Congress' two major goals in enacting [the terrorism exception] were to punish and deter state sponsors of terror, and to provide vindication and compensation to victims of terrorism and their families. In light of the government's recent dismissal of the Flight 772 victims' claims, the legislation does not seem to advance either goal.

The terrorism exception does not punish and deter state sponsors of terror because no state has paid an entered judgment. Though Gadaffi has agreed to turn over $1.5 billion that the U.S. government will distribute to family members of the victims of Libyan-sponsored terrorism, he would have paid compensation to normalize relations even in the absence of the terrorism exception.
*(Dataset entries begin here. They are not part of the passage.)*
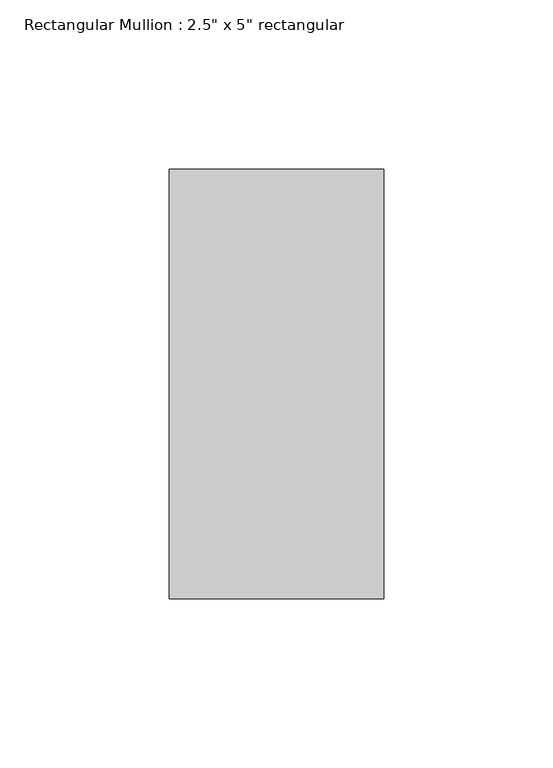
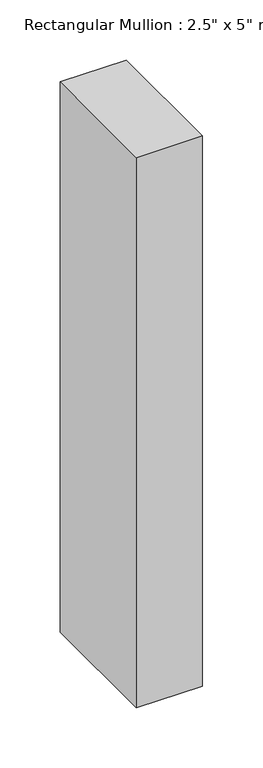
"""IFC4 building model written with IfcOpenShell, lengths in millimetres: member geometry."""

from ifc_helpers import new_model, si_unit, frame, origin, place, context, project, spatial, polyline, outline, extrude, source, transform, mapped, element, save


def member_bc554fa6(model_context):
    return source(origin(), model_context, "Body", "SweptSolid", [
        extrude(outline(polyline([(31.75, 63.5), (31.75, -63.5), (-31.75, -63.5), (-31.75, 63.5), (31.75, 63.5)])), frame((0.0, 0.0, -558.8), z_axis=(0.0, 0.0, 1.0), x_axis=(1.0, 0.0, 0.0)), (0.0, 0.0, 1.0), 558.8),
    ])


if __name__ == "__main__":
    model = new_model("IFC4")
    model_context = context("Model", 3, world=origin())
    ifc_project = project(units=[si_unit("LENGTHUNIT", "METRE", prefix="MILLI")], contexts=[model_context])
    site = spatial("IfcSite", under=ifc_project)
    building = spatial("IfcBuilding", under=site)
    placement = place(None, origin())
    member_shape = member_bc554fa6(model_context)
    element("IfcMember", 1, ObjectType="Rectangular Mullion : 2.5\" x 5\" rectangular", at=placement, inside=building, context=model_context, shape_type="MappedRepresentation", body=[
        mapped(member_shape, transform((0.0, 0.0, 0.0), x_axis=(1.0, 0.0, 0.0), y_axis=(0.0, 1.0, 0.0), z_axis=(0.0, 0.0, 1.0))),
    ])
    save(model, "model.ifc")

# Revit data of these elements
# Type "Rectangular Mullion : 2.5\" x 5\" rectangular"
#   built-in parameter 1007304 = 0.416667 (stored number, unit not read)
#   built-in parameter 1007301 = 0.104167 (stored number, unit not read)
#   built-in parameter 1007300 = 0.104167 (stored number, unit not read)
# Element 1 (IfcMember, "Rectangular Mullion : 2.5\" x 5\" rectangular")
#   Materials on its faces: "Aluminum"
# Materials
#   "Aluminum": class "Metal", colour RGB 247 247 247, transparency 0, Description = "Aluminum 6061", Cost = 0
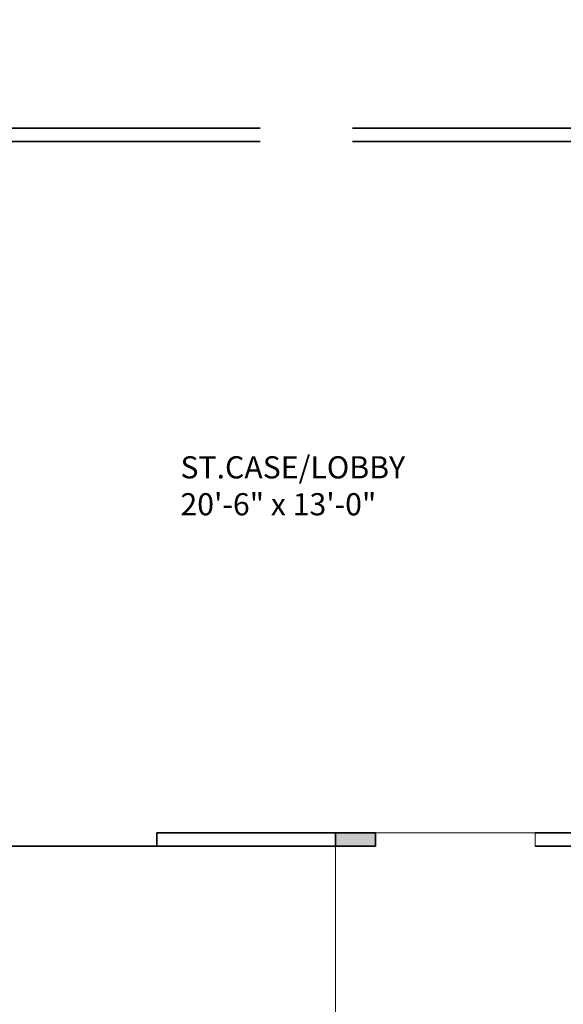
# Model space of a CAD drawing. Units: inches. Extents: x 1002 to 1561, y 1016 to 1994.
# Tile 6 of 8: x 1159 to 1282, y 1283 to 1505. Entities that reach past the tile are written whole.
import ezdxf

# ---------------------------------------------------------------- set-up
doc = ezdxf.new("R2010")
doc.units = ezdxf.units.IN
doc.header["$MEASUREMENT"] = 0
for name, color, linetype, lineweight in [('A-AREA-IDEN', 7, 'Continuous', 18), ('A-WALL', 7, 'Continuous', 35), ('A-WALL-PATT', 7, 'Continuous', 13)]:
    doc.layers.add(name, color=color, linetype=linetype, lineweight=lineweight)
doc.layers.add('A-DOOR', color=30, linetype='Continuous', lineweight=18, true_color=0xf8991e)
doc.styles.get("Standard").update_dxf_attribs({"font": 'arial.ttf'})

msp = doc.modelspace()

# ---------------------------------------------------------------- hatches: boundary and pattern name
at = {"layer": 'A-WALL-PATT'}
h = msp.add_hatch(color=256, dxfattribs=at)
h.dxf.hatch_style = 1
h.paths.add_polyline_path([(1206.434, 1924.784), (1203.434, 1924.784), (1203.434, 1898.155), (1206.434, 1898.155)])
h.paths.add_polyline_path([(1326.434, 1925.745), (1323.434, 1925.745), (1323.434, 1900.458), (1326.434, 1900.458)])
h.paths.add_polyline_path([(1290.434, 1840.51), (1287.434, 1840.51), (1287.434, 1837.51), (1287.434, 1823.284), (1290.434, 1823.284)])
h.paths.add_polyline_path([(1287.434, 1840.51), (1285.684, 1840.51), (1285.684, 1837.51), (1287.434, 1837.51)])
h.paths.add_polyline_path([(1233.434, 1840.51), (1230.434, 1840.51), (1230.434, 1823.284), (1233.434, 1823.284)])
h.paths.add_polyline_path([(1235.119, 1840.51), (1233.434, 1840.51), (1233.434, 1837.51), (1235.119, 1837.51)])
h.paths.add_polyline_path([(1050.434, 1837.51), (1050.434, 1840.51), (1046.434, 1840.51), (1046.434, 1814.619), (1050.434, 1814.619)])
h.paths.add_polyline_path([(1050.434, 1682.088), (1046.434, 1682.088), (1046.434, 1648.51), (1046.434, 1645.51), (1050.434, 1645.51), (1050.434, 1648.51)])
h.paths.add_polyline_path([(1233.434, 1648.51), (1211.636, 1648.51), (1211.636, 1645.51), (1233.434, 1645.51)])
h.paths.add_polyline_path([(1307.549, 1648.51), (1287.434, 1648.51), (1287.434, 1645.51), (1307.549, 1645.51)])
h.paths.add_polyline_path([(1516.434, 1927.595), (1512.434, 1927.595), (1512.434, 1896.846), (1516.434, 1896.846)])
h.paths.add_polyline_path([(1516.434, 1840.51), (1512.434, 1840.51), (1512.434, 1816.31), (1516.434, 1816.31)])
h.paths.add_polyline_path([(1516.434, 1686.827), (1512.434, 1686.827), (1512.434, 1645.51), (1516.434, 1645.51)])
h.paths.add_polyline_path([(1472.434, 1321.51), (1469.434, 1321.51), (1469.434, 1306.51), (1472.434, 1306.51)])
h.paths.add_polyline_path([(1295.733, 1141.51), (1281.793, 1141.51), (1281.793, 1137.51), (1295.733, 1137.51)])
h.paths.add_polyline_path([(1239.434, 1321.51), (1230.434, 1321.51), (1230.434, 1318.51), (1239.434, 1318.51)])
h.paths.add_polyline_path([(1290.434, 1332.122), (1287.434, 1332.122), (1287.434, 1318.51), (1290.434, 1318.51)])
h.paths.add_polyline_path([(1311.434, 1480.51), (1287.434, 1480.51), (1287.434, 1477.51), (1311.434, 1477.51)])
h.paths.add_polyline_path([(1050.434, 1480.51), (1046.434, 1480.51), (1046.434, 1468.51), (1050.434, 1468.51)])
h.paths.add_polyline_path([(1050.434, 1321.51), (1046.434, 1321.51), (1046.434, 1309.51), (1050.434, 1309.51)])
h.paths.add_polyline_path([(1233.434, 1192.382), (1230.434, 1192.382), (1230.434, 1168.702), (1233.434, 1168.702)])
h.paths.add_polyline_path([(1050.434, 1137.51), (1046.434, 1137.51), (1046.434, 1119.51), (1050.434, 1119.51)])
h.paths.add_polyline_path([(1472.434, 1153.51), (1469.434, 1153.51), (1469.434, 1141.51), (1472.434, 1141.51)])
h.paths.add_polyline_path([(1472.434, 1141.51), (1469.434, 1141.51), (1469.434, 1137.51), (1472.434, 1137.51)])

# ---------------------------------------------------------------- linework, layer by layer
at = {"layer": 'A-DOOR'}
for p, q in [((1239.434, 1321.51), (1275.434, 1321.51)), ((1275.434, 1318.51), (1275.434, 1321.51)), ((1230.434, 1277.919), (1230.434, 1318.51))]:
    msp.add_line(p, q, dxfattribs=at)
at = {"layer": 'A-WALL'}
for p, q in [((1156.434, 1480.51), (1213.471, 1480.51)), ((1234.302, 1480.51), (1287.434, 1480.51)), ((1156.434, 1477.51), (1213.471, 1477.51)), ((1234.302, 1477.51), (1287.434, 1477.51)), ((1230.434, 1321.51), (1190.135, 1321.51)), ((1190.135, 1321.51), (1190.135, 1318.51)), ((1230.434, 1321.51), (1239.434, 1321.51)), ((1230.434, 1318.51), (1230.434, 1321.51)), ((1239.434, 1318.51), (1239.434, 1321.51)), ((1275.434, 1321.51), (1287.434, 1321.51)), ((1126.434, 1318.51), (1230.434, 1318.51)), ((1230.434, 1318.51), (1239.434, 1318.51)), ((1275.434, 1318.51), (1413.434, 1318.51))]:
    msp.add_line(p, q, dxfattribs=at)

# ---------------------------------------------------------------- texts
at = {"layer": 'A-AREA-IDEN', "insert": (1195.474, 1406.489), "char_height": 5, "attachment_point": 1}
msp.add_mtext_dynamic_manual_height_columns('ST.CASE/LOBBY\\P20\'-6" x 13\'-0"', width=50.5101, gutter_width=1, heights=[0], dxfattribs=at)

doc.saveas('drawing.dxf')

In 2004, for example, Libya agreed to pay France $170 million in compensation for the Flight 772 bombing as part of the process of reestablishing relations with France. Indeed, it seems that the reason Libya has paid attention to terrorism exception litigation--presenting a defense in court, while other countries sued under the exception have not--is because Gadaffi had already ceased his sponsorship of terror, and wanted to reestablish relations with the U.S. The countries that we really intend to deter, like Iran, do not display similar interest in the litigation against them.

Nor, in light of the recent dismissals, does the terrorism exception fulfill the goals of vindication and compensation. Vindication is supposed to be achieved by giving victims their "day in court," and by using the legal system to condemn the acts of terrorist states. But since no defendant state has paid a judgment, the terrorism exception fails to vindicate victims through the essential step of punishment. Worse, the Flight 772 families saw the judgments that they worked hard to obtain simply thrown away as the U.S. moved toward normalizing relations with Libya.